Comment by fidotron

2 days ago

Because everyone that experiences the crime stops tolerating it and leaves. This is why the area around the greenbelt so closely resembles the inner cities of 20 years before. This isn't some new phenomenon - Lee Kuan Yew famously described the newspaper purchasing arrangement at Piccadilly Circus in the 1950s, which was incomprehensible by the 1980s.

I'm old enough to remember when they had posters telling people not to wear iPod white earphones because that will get you mugged (and it would) - pure blaming the victim nonsense.

If London defenders were half as enthusiastic about cleaning up their city as they are about attacking anyone pointing out the all too obvious problems they genuinely would be in utopia.

I lived in South London a few decades ago, it was the exact same situation.

Lived in central London, close to 100% of the crime was happening from one area. Police refused to go into that area because of "community relations". No crime in areas that didn't abut this location but no desire to fix. Police pretend to police.

Moved to South London, crime more prevalent but, again, certain areas are worse. Police won't go to these areas, "community relations" even worse. Cash machine near housing estate treated like lootbox. Next election comes round, candidate spends most of their time canvassing on estate. Police only go onto the estate to attend events with "community" telling them they are bigots. Crime continues.

Everyone who works this out either leaves or, if they get enough money, move to safe areas of West London. Today's Londoners do not realise everyone has left, it is just a bunch of people who moved there in the last ten years telling everyone how brilliant it is and pretending they have lived there for years before being forced to leave too. Property prices suggest that actual long-term citizens are continuing to leave in large numbers.

  • > Everyone who works this out either leaves or, if they get enough money, move to safe areas of West London. Today's Londoners do not realise everyone has left, it is just a bunch of people who moved there in the last ten years telling everyone how brilliant it is and pretending they have lived there for years before being forced to leave too. Property prices suggest that actual long-term citizens are continuing to leave in large numbers.

    Painfully accurate.

    The fact even Lily Allen, of all people, made a music video about delusional Londoners telling themselves it's all fine, when it's not, speaks volumes, and they're still at it. ( https://www.youtube.com/watch?v=wmYT79tPvLg )

What are we supposed to do to “clean up our city”? I live in one of the worst areas, statistically, for crime and haven’t experienced anything beyond porch piracy and someone trying my car door.

My girlfriend walks to/from the train station daily in the early morning and late night without any trouble and personal safety isn’t even something we spend any time thinking about. Obviously crime happens, but against other comparable large cities it’s only really Tokyo and a few cities in semi-authoritarian countries that seem that much safer to me. Big European cities are about the same and US cities are much worse.

Beyond reporting anything I see, which I do, I’m not sure what kind of cleaning up you expect me to do? Obviously it’s a factor in how I vote, but it’s not even a top 3 issue to be honest.

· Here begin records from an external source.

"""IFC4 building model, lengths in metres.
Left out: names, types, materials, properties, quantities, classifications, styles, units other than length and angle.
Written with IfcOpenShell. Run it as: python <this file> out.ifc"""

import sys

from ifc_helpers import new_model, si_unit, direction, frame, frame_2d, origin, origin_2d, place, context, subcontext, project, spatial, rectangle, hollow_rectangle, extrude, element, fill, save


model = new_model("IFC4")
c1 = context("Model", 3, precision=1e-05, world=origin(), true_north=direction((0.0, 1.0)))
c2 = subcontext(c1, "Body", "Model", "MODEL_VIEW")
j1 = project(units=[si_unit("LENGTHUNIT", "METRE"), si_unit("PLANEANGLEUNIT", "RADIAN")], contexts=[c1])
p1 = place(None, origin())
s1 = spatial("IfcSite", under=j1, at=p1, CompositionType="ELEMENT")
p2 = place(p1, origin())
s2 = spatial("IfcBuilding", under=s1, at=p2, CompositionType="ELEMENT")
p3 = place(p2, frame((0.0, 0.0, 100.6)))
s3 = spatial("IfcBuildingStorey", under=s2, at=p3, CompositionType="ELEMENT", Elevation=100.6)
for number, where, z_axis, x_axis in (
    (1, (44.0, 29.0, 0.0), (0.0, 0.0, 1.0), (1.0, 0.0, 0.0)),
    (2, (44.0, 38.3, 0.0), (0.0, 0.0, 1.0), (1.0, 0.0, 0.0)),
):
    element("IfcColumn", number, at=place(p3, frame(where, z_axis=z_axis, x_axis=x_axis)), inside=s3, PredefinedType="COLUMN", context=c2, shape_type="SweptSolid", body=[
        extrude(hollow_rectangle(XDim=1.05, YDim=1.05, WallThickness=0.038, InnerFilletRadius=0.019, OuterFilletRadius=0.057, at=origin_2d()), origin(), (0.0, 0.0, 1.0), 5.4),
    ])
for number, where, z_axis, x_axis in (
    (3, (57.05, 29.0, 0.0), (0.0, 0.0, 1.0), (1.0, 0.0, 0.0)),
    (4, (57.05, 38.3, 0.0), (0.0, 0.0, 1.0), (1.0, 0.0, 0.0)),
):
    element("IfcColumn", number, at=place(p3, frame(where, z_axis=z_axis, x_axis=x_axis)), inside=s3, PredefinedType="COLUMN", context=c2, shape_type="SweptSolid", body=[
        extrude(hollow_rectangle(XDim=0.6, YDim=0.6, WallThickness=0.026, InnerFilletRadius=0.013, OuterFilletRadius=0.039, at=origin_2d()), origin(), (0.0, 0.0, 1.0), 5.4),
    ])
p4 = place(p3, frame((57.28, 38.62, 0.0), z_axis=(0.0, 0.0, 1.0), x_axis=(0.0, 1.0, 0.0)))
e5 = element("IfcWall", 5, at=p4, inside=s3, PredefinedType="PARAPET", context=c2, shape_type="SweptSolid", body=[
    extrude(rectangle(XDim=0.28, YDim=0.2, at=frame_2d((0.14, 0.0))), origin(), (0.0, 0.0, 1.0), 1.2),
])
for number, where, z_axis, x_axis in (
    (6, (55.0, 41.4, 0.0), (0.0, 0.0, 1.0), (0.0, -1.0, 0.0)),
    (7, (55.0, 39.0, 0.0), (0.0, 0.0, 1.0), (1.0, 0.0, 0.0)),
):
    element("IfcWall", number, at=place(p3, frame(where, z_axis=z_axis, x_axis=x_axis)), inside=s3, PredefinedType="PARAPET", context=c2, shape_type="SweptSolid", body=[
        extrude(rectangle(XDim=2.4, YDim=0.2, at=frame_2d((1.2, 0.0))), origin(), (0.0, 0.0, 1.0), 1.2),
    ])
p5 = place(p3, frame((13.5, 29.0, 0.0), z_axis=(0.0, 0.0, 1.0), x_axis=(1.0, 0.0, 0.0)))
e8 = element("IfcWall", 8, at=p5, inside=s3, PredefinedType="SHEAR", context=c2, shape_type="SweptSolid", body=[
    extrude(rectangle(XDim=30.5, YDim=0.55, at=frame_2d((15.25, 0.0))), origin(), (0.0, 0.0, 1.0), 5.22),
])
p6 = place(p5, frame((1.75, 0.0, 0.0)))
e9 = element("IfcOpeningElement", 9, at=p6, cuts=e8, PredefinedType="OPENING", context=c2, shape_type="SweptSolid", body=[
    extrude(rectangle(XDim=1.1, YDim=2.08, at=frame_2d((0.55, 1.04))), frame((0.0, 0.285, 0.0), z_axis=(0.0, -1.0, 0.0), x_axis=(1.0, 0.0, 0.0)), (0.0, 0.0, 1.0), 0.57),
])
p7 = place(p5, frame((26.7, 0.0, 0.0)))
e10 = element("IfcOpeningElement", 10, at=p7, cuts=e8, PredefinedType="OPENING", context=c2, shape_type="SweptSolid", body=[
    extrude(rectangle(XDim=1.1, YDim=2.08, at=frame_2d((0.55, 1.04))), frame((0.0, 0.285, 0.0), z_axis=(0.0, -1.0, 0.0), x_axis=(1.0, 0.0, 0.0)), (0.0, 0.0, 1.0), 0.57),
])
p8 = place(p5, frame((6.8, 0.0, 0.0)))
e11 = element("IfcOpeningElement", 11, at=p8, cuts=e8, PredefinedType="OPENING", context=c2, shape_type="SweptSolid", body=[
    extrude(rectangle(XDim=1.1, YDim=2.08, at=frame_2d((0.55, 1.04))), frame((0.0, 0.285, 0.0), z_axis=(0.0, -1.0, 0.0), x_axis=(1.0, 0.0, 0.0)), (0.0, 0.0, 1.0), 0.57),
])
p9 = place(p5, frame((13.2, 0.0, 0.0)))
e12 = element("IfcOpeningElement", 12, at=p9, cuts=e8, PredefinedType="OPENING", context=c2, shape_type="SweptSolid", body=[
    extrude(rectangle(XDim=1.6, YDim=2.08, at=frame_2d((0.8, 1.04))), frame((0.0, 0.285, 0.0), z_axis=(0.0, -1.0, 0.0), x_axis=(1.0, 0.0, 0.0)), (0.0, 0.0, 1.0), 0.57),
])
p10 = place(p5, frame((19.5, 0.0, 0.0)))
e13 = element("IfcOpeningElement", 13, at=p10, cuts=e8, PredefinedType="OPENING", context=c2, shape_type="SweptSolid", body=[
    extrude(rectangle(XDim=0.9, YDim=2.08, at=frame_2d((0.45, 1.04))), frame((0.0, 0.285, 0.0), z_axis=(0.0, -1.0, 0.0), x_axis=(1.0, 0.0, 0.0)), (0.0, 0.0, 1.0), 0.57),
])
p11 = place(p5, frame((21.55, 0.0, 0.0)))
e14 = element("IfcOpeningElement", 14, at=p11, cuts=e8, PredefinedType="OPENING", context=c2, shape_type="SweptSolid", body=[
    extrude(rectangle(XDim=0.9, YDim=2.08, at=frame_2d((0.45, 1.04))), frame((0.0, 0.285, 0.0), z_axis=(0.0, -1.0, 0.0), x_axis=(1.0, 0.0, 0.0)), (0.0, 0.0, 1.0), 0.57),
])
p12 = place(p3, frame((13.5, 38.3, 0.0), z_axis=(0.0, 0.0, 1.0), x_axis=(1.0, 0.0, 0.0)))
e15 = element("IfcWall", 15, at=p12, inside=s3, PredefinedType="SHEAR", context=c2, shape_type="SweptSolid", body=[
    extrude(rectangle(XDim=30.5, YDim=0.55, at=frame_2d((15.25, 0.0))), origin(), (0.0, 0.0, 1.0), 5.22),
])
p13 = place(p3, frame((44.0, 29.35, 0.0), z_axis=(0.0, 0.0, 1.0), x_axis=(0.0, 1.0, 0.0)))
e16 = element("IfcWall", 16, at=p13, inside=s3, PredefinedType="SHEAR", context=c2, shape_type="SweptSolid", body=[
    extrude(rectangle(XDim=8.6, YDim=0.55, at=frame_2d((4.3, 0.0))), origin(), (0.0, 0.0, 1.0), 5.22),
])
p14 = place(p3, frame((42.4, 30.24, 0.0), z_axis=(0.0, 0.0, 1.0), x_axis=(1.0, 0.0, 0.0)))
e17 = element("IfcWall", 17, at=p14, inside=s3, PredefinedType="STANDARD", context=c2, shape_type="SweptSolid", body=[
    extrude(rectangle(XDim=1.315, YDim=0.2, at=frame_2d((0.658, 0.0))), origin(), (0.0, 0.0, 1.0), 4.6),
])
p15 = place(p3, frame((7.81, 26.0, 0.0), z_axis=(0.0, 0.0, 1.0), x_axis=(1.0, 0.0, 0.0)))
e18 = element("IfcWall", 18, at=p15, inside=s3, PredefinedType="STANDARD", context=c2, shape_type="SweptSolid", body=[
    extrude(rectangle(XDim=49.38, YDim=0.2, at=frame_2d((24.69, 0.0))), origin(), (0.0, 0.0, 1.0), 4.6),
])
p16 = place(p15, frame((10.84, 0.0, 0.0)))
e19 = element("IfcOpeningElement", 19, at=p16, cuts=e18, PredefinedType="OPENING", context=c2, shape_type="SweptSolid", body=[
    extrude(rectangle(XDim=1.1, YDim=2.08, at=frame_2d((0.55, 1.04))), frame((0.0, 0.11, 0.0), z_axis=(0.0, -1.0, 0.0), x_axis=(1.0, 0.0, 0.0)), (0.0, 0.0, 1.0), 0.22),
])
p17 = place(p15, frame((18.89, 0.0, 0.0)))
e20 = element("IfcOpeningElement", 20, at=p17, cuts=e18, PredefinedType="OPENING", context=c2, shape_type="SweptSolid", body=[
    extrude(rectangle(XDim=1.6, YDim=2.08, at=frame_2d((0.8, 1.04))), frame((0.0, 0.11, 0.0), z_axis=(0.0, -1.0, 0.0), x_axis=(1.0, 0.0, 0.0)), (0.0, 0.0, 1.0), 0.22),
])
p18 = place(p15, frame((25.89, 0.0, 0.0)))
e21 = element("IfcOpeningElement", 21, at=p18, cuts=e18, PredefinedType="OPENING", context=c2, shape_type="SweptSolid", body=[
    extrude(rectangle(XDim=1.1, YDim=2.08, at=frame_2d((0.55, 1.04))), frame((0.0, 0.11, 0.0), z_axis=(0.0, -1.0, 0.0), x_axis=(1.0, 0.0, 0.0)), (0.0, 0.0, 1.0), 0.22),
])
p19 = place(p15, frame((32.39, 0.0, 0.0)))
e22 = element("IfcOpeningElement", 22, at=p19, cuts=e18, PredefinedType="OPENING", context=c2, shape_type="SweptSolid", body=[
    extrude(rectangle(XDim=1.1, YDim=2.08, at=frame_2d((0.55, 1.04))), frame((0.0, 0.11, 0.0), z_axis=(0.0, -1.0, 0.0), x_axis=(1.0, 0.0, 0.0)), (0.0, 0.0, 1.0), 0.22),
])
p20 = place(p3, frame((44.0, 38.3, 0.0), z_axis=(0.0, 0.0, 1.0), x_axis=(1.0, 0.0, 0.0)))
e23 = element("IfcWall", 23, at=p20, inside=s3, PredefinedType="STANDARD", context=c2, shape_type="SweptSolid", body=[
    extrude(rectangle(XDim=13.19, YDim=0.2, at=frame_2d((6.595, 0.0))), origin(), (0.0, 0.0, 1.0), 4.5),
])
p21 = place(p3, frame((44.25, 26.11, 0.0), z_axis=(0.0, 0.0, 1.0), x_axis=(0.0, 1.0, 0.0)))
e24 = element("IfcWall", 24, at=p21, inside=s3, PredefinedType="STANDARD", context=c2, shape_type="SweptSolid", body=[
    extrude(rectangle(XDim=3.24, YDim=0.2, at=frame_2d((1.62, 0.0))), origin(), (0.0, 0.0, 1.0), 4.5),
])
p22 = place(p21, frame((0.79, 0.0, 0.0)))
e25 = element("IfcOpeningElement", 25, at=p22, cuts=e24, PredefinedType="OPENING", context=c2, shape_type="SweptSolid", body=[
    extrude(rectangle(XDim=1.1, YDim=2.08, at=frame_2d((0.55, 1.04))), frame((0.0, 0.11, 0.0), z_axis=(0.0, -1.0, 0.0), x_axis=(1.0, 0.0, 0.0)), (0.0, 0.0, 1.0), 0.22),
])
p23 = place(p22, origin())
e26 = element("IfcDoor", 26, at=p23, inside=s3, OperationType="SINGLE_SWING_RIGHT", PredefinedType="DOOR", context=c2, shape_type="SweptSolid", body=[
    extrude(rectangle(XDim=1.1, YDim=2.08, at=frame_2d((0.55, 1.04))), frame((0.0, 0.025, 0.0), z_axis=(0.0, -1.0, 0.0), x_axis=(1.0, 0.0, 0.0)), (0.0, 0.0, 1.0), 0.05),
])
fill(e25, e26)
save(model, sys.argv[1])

  • > My girlfriend walks to/from the train station daily in the early morning and late night without any trouble and personal safety isn’t even something we spend any time thinking about.

    You understand this is the kind of thing those of us that lived there have heard a million times?

    It's exactly what people say before the thing that happens that makes them leave.

    > US cities are much worse.

    This also is not the case, and it's amazing how propagandized the UK has to be to think it. If you lot were aware of the true standard of life in most of the US you'd riot.

    • Ok, so we can either listen to

      (i) people who live in London, or

      (ii) people who left London because they were victims of a crime.

      I'm genuinely sorry that you were the victim of a crime, but people in group (ii) are obviously likely to have a negative perception of London regardless of how much or how little crime London actually has.

      By way of analogy, consider that there are people who experienced a traumatic air accident and who have never flown again. I don't blame them. But their experiences don't countervail the statistics showing that flying is safe.

      >> US cities are much worse.

      > This also is not the case, and it's amazing how propagandized the UK has to be to think it. If you lot were aware of the true standard of life in most of the US you'd riot.

      I've lived in London and DC, and DC (at the time at least, 2007-2011) was uncontroversially much more dangerous than London. And of course it's only 6 months ago that the President of the USA declared a public safety emergency in DC ;) You're not wrong about the overall standard or living, but you are wrong about crime and safety.

    • Bad things can happen anywhere. A one-off incident wouldn’t make me leave.

      I visit the US often and have been a victim of crime there more often than anywhere in Europe. That’s not to say I don’t love the US. San Diego is probably my favourite city in the world. But apart from one or two exceptions, large US cities suffer from far worse crime than anywhere in the UK. I got mugged at gunpoint by a crackhead in Philly. Quality of life can be fantastic of course. My aunt lives in a gated community in LA and drives to work so she never has to interact with the real world, so to speak, and her QoL is amazing. But large parts of the city are absolutely dystopian.

      Try walking from Fashion District to Chinatown and tell me where you’d find something like that anywhere in London, let alone Z1. I don't even know if I've seen anything that bad in actual third world cities.